The beginning of our friendship was probably nothing more than ordinary. I met you back in our hometown in grade school and my first impression of you was considerably mundane. In fact, now that I'm thinking about it, I can't even remember the exact encounter. At that time, little did I know you would become my forever friend; the one I know will be standing next to me at the alter on my wedding day.
To be honest, it wasn't a surprise that we became friends. We both grew up and attended the same functions in a ten mile radius of one another. There were only a couple hundred students in our school, so we were bound to have known of each other or crossed paths during our time there.
But after having a couple conversations with you, I realized our relationship was different than others. It was clearly a distinguishable connection. Your personality was down to earth and you were easy to talk to. The more we hung out, the more I realized how much I enjoyed spending time with you. You made me laugh and more importantly, you made the misery of fourth period tolerable. I actually began looking forward to going to class so that we could catch up and chat about our insignificant teenage problems and of course, boys. You were my go to person, my BFFL (best friend for life) as the old captions on my MySpace once read... I know, so embarrassing right?
Anyway, the day you came to school with the news that you were transferring schools because you were moving a couple towns away, I knew something was off. As much as I wish I don't, I can't help remember that moment as clear as day. I was devastated and couldn't imagine going through the rest of middle school and junior high without you. And because we were so dramatic, we schemed like no other to try and not be separated. But who were we kidding? We were only twelve and had no say over anything.
I made peace with you leaving and just like any pair of friends, we made promises to stay as close as we always have been. But understandably, I had my doubts. I mean we weren't even old enough to drive and visit each other at this point. I figured that we would put in the effort and somewhere down the road, our friendship would come to an end. (I know, I'm sorry! But you have to admit, the odds were not in our favor.)
To my surprise, we made it work. We had just gotten our first cell phones (flip phones, of course), so we spent the majority of time texting and calling each other with updates of our lives. We had our moms carpool and take us ice skating or shopping and to the movies. Eventually we went from being thirteen year old adolescents to seventeen year old young adults. At this point, we had both been in a serious relationship and we both went through our individual heartbreaks. There's no doubt that year was one of the most difficult ones yet, but the convenience of having our licenses made it that much easier to be there for each other. You had my back and I had your shoulder to lean on.

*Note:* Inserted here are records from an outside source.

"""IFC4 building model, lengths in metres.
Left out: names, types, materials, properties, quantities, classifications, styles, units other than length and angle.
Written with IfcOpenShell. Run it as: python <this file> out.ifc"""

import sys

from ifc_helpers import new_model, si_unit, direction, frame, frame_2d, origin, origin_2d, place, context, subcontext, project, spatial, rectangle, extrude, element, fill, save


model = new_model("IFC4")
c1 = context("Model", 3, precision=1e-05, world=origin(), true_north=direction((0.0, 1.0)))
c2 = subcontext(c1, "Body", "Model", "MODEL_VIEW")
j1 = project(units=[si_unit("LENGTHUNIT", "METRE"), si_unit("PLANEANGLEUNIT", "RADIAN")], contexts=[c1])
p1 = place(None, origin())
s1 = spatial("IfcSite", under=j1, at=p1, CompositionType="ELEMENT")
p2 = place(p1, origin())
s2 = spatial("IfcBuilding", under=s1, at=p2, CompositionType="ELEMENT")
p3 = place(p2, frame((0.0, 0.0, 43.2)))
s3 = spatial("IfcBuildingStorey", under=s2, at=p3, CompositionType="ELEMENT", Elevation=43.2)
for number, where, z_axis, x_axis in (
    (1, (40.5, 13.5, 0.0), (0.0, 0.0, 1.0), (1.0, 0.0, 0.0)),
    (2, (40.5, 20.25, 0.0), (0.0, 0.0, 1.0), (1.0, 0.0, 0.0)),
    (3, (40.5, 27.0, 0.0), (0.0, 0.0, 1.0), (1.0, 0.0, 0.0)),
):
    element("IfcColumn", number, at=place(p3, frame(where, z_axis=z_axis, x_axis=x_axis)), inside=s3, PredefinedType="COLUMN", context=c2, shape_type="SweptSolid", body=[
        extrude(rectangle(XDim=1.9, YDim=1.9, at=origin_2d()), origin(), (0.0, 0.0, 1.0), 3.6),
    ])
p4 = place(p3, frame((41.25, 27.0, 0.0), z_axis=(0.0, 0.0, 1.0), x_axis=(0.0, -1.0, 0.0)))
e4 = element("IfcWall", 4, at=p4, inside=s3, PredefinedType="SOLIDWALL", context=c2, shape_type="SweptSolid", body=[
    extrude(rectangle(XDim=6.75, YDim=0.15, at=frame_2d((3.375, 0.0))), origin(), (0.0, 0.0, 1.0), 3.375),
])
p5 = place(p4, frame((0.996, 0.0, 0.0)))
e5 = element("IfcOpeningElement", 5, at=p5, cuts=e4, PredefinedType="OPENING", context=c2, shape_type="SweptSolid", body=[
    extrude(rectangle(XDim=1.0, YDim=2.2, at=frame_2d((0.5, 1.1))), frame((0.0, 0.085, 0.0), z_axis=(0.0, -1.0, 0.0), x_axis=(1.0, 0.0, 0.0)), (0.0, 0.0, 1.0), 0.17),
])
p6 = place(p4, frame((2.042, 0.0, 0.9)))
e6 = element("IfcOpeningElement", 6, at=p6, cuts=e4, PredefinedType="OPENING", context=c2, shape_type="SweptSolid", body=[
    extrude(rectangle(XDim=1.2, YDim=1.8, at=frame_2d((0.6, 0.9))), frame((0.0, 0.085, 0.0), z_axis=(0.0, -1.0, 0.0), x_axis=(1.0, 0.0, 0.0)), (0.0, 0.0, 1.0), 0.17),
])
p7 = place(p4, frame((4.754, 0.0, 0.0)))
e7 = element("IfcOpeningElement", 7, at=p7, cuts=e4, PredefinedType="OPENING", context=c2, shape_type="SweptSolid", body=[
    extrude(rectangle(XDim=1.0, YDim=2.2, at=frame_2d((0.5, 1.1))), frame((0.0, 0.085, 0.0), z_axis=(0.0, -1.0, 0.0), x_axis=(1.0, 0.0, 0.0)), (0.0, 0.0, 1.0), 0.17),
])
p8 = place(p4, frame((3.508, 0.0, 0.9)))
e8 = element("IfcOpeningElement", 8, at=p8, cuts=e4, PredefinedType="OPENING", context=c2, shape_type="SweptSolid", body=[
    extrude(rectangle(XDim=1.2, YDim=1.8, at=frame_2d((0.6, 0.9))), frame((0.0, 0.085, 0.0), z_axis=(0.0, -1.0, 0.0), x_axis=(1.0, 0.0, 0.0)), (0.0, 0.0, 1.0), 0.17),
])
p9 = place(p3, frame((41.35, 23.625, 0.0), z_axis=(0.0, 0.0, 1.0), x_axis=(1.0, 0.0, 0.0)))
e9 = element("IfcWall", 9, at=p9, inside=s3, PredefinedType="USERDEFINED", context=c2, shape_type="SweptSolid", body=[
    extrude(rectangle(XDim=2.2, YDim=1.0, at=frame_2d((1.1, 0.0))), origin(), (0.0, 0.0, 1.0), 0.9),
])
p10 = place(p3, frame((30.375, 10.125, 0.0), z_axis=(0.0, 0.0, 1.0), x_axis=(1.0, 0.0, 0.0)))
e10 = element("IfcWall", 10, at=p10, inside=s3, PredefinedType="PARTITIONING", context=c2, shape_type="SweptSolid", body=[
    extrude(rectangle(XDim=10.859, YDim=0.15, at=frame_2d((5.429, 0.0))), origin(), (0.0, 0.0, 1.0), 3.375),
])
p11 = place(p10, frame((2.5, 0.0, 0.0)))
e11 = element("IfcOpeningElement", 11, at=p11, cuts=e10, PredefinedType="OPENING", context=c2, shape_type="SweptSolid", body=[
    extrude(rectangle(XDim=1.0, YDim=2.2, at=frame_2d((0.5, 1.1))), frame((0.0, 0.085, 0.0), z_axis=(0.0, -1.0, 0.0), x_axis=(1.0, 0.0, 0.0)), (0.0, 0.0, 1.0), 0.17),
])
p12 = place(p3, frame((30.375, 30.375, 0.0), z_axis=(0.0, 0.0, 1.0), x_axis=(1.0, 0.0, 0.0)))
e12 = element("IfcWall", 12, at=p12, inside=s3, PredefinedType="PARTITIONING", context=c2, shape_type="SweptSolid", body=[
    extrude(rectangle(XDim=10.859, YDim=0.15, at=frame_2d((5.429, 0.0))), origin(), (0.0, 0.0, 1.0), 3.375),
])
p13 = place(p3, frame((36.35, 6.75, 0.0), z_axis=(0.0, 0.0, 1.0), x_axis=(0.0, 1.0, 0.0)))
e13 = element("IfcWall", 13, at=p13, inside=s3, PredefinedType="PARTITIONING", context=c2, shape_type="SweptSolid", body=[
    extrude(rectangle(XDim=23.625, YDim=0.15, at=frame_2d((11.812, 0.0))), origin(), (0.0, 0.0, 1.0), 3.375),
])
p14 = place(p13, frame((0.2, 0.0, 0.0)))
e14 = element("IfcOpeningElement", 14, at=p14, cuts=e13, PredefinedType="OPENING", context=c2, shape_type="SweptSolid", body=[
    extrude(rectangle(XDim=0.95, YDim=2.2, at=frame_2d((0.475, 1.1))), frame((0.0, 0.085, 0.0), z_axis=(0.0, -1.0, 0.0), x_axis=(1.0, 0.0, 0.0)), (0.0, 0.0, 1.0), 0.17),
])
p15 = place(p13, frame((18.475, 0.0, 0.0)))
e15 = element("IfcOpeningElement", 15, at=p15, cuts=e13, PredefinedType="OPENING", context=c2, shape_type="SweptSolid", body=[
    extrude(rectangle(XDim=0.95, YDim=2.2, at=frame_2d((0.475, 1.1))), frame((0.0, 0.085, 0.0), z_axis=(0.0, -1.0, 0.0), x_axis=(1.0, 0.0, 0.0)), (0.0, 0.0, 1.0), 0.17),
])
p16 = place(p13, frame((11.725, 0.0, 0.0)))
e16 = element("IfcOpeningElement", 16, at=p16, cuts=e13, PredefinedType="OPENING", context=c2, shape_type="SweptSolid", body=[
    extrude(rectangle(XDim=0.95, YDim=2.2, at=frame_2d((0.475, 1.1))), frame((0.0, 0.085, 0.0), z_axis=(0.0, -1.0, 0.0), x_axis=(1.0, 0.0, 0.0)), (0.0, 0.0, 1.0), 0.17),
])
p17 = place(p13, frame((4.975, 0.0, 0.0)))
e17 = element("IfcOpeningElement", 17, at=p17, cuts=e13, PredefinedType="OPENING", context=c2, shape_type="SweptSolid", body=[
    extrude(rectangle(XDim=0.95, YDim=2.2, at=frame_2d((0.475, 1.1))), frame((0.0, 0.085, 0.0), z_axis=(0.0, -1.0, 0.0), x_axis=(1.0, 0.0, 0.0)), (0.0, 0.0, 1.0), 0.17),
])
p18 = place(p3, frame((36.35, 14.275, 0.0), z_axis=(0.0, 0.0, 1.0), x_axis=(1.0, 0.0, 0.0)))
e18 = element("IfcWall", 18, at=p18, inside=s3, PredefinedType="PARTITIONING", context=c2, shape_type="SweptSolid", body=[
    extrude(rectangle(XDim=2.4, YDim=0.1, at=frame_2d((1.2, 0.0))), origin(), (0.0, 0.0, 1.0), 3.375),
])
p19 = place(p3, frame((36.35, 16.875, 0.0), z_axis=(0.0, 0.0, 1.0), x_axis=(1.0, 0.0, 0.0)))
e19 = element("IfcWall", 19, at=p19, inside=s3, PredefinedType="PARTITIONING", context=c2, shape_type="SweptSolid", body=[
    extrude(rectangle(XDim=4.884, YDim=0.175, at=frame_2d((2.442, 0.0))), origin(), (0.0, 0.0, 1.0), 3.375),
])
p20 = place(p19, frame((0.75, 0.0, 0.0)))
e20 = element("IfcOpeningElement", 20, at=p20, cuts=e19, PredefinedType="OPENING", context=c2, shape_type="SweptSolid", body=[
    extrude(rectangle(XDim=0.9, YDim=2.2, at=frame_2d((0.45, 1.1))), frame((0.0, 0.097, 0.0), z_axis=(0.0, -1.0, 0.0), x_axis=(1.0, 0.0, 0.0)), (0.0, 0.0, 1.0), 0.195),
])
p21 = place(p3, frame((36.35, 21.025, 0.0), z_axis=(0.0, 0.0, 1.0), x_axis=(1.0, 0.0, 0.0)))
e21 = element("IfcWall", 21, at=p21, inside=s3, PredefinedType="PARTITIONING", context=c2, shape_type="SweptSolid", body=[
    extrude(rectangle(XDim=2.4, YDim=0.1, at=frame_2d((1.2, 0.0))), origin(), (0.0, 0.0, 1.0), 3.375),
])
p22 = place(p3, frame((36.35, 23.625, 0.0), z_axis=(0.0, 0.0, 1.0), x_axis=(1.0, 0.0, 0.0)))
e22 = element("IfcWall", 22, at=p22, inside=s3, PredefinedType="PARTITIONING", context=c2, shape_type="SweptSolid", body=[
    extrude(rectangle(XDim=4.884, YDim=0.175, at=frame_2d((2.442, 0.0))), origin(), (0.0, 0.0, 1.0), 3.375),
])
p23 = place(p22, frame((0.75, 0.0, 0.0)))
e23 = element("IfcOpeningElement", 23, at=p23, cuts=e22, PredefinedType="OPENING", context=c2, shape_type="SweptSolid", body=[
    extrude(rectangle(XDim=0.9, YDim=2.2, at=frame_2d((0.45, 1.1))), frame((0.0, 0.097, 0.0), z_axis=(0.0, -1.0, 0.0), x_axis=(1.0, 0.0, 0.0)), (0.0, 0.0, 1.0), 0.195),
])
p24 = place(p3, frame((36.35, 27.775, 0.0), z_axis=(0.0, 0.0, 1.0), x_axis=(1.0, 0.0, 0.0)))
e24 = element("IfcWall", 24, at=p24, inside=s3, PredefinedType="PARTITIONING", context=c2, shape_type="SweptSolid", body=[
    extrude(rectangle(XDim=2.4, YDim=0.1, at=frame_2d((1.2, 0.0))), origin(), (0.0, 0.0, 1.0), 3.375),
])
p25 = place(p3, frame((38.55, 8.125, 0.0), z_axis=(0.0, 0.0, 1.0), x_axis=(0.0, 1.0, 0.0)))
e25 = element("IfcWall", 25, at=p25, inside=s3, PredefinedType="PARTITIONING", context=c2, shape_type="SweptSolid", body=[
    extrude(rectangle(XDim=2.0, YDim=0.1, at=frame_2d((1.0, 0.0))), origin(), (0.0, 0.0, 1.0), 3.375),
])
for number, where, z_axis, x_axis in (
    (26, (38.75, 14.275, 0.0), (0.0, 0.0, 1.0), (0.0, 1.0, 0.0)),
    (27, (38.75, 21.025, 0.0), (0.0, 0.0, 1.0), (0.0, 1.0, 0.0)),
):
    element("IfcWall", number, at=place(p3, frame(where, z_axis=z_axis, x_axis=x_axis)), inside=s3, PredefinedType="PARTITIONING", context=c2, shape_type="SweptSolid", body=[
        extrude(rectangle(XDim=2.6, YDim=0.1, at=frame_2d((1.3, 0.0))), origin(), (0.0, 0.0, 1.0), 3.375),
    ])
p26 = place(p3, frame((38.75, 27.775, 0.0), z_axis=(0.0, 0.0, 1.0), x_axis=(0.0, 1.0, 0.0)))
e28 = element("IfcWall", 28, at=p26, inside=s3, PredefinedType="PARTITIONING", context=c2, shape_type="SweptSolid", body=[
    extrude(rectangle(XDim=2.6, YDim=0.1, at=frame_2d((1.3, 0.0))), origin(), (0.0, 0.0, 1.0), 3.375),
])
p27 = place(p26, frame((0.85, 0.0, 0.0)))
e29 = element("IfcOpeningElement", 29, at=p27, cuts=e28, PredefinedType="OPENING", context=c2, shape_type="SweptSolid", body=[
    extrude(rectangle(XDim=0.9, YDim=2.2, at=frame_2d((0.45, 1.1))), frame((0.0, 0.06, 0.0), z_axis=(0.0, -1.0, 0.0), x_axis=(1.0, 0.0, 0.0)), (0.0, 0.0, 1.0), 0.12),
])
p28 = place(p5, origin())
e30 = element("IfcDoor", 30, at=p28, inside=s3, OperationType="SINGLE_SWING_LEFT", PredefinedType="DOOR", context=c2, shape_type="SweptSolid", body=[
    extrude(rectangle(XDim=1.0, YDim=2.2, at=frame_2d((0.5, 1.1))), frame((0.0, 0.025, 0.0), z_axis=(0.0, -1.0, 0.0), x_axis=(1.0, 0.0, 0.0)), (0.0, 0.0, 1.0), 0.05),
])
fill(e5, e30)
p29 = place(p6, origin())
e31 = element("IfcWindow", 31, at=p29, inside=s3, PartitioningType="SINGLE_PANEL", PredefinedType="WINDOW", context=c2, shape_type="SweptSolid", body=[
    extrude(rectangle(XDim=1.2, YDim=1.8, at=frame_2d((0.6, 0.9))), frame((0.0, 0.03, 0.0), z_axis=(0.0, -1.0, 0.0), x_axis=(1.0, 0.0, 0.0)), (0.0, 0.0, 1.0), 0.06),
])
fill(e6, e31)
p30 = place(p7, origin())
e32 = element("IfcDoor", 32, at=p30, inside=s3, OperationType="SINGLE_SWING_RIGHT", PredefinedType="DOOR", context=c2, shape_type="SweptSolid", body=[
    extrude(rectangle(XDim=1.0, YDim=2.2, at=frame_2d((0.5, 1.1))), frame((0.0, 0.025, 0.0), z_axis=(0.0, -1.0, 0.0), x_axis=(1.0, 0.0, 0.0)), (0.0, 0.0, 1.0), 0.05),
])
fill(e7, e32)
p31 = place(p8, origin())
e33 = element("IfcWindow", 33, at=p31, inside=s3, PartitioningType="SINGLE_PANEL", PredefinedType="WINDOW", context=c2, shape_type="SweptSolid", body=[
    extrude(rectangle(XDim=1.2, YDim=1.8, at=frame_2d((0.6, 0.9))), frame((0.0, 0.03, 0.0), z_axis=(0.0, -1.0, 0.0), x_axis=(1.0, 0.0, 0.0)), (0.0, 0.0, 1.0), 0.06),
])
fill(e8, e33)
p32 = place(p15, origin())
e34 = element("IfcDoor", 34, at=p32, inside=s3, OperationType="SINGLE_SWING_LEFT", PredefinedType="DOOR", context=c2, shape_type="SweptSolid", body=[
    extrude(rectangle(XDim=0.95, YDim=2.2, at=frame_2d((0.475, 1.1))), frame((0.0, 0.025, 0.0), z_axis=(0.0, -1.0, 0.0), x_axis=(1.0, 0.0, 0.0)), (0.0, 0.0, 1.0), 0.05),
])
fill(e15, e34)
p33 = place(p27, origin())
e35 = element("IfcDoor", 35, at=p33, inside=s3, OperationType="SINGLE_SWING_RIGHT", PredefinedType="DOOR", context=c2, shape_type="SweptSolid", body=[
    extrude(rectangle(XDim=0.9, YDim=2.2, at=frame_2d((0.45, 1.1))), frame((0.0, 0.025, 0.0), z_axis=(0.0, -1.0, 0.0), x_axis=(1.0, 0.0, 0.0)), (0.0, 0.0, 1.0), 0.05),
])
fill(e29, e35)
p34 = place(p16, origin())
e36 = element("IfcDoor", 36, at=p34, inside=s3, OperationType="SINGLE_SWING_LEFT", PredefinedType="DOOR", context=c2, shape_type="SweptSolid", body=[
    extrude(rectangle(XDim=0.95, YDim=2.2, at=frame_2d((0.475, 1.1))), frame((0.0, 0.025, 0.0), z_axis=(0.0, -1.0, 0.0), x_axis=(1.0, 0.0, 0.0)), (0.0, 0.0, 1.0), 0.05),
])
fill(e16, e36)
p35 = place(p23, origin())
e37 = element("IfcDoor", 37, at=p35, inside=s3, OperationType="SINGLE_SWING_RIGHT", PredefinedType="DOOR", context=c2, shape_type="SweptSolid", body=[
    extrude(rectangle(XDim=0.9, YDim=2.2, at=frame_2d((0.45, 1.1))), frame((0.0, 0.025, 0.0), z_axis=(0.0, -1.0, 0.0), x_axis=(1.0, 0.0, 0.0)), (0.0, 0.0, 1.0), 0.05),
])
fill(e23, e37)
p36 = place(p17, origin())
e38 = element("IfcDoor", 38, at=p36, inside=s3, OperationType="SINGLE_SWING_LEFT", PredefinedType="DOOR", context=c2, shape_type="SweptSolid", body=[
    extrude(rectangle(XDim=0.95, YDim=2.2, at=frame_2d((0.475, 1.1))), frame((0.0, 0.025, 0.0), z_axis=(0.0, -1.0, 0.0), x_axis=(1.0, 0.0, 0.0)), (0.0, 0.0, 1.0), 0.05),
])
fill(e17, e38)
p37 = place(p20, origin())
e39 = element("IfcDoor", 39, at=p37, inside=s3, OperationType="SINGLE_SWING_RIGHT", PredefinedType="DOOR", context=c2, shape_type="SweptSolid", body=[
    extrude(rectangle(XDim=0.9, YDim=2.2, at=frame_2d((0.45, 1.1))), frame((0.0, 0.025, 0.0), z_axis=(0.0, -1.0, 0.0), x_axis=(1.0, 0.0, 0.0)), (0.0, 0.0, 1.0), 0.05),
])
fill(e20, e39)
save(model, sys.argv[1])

Three more years have gone by and the distance between us has increased tremendously. When we decided on going to college hundreds of miles away from one another, I knew I had nothing to worry about. Sure, I've gotten and you've received your fair share of texts in the middle of the night with a crisis to solve, but I wouldn't have it any other way. I'm so proud to call you my best friend and I'm grateful to have had the privilege to watch you follow your dreams and become the successful woman you are today.
As we enter our twenties, I can add yet another year to our friendship. It's been eight years and counting and when I picture the next eight years, I picture sharing many more memories with you. I hope you'll continue eating the most unhealthy of foods (with no regrets) and getting probably way too much sun at the beach with me. And I hope when the time comes, you won't have to wipe away my tears and bash on the stupid boy who broke my heart. Instead I hope you will be celebrating with tears of joy as my bridesmaid on my wedding day.